The circular chromatic index of graphs of high girth
The circular chromatic index of graphs of high girth
Colorings of graphs form a prominent topic in graph theory. Several relaxations of usual colorings have been introduced and intensively studied. In this talk, we focus on circular colorings. A proper circular k-coloring, for a real $k\ge 1$, is a coloring by real numbers from the interval $[0,k)$ such that the difference modulo $k$ of the colors $c_1$ and $c_2$ assigned to adjacent vertices is at least one, i.e., $1\le |c_1-c_2|\le k-1$. It is easy to observe that the chromatic number of a graph is always the ceiling of its circular chromatic number.A classical theorem of Vizing states that the edges of every graph $G$ with maximum degree $D$ can be colored by at most $D+1$ colors so that no two incident edges have the same color, i.e., the chromatic index of $G$ is at most $D+1$. We show that for every $e>0$ there exists $g$ such that the circular chromatic index of a graph $G$ with maximum degree $D$ whose girth is at least $g$ does not exceed $D+e$. Note that the index must be at least $D$ because the line graph of such graph $G$ contains a clique of order $D$.
Our research is motivated by a conjecture of Jaeger and Swart 1979 (that turned out to be false) that high girth cubic graphs have chromatic index three.
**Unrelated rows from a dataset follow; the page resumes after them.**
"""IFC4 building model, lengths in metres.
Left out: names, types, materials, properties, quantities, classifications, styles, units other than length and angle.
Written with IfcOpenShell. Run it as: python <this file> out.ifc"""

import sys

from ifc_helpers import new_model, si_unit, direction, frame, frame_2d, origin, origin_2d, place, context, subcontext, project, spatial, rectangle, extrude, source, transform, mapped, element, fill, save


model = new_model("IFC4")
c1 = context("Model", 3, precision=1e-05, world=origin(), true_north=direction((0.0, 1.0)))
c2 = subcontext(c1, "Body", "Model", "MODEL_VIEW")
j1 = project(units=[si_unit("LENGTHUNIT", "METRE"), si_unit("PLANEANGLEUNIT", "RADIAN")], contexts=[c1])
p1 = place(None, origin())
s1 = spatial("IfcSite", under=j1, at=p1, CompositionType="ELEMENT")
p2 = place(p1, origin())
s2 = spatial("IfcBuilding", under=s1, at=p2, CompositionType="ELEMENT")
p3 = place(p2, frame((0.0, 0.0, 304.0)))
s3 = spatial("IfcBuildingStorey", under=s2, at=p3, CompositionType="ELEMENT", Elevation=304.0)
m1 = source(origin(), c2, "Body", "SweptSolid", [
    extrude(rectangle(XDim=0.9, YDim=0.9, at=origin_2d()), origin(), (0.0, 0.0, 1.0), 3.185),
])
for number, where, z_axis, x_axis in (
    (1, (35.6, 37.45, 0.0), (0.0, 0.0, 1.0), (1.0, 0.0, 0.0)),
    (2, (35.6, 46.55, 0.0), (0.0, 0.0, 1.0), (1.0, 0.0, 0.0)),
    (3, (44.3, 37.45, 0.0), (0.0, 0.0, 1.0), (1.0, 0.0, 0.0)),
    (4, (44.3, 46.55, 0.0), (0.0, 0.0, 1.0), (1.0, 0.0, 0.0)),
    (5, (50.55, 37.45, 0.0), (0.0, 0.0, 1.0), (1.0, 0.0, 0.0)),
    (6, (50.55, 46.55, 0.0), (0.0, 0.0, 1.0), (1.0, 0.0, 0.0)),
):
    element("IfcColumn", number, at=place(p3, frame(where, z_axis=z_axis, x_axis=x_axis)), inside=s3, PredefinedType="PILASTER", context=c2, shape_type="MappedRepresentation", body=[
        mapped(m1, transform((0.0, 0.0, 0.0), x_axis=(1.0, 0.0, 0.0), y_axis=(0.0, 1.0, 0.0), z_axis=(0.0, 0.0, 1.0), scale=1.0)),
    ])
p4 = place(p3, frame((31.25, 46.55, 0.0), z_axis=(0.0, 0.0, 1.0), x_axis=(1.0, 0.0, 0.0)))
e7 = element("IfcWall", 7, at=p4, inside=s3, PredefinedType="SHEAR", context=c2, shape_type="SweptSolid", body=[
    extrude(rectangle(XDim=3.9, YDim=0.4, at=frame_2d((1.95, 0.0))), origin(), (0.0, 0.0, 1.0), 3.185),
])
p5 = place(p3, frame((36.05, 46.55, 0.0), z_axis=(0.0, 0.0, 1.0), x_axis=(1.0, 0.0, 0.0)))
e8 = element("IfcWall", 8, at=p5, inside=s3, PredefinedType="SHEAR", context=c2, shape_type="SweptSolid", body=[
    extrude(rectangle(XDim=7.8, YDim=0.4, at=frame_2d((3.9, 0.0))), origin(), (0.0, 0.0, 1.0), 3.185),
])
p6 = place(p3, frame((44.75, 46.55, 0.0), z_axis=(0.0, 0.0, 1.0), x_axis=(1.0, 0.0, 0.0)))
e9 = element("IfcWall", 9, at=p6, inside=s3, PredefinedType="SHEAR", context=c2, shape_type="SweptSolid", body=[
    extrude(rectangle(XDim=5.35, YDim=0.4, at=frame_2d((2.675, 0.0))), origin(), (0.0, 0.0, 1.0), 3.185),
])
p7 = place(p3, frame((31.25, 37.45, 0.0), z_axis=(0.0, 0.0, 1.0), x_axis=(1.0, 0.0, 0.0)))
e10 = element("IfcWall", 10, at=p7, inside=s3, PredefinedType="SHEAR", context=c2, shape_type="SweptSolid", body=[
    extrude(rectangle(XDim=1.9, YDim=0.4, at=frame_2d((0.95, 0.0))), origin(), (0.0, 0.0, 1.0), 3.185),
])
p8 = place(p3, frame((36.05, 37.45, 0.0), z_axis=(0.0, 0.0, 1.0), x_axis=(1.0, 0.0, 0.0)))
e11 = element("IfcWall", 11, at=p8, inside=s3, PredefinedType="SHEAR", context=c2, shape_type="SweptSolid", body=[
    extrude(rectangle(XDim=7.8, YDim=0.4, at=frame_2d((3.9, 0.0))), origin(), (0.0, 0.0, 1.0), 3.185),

Our results imply that the conjecture is true when relaxed to circular colorings: the circular chromatic index of high girth cubic graphs is close to three.
One of the ingredients of our proof are results on systems of independent representatives and hypergraph matchability of by Aharoni, Haxell, Meshulam and others, which we also briefly survey during the talk. Based on joint work with Tomas Kaiser, Riste Skrekovski and Xuding Zhu.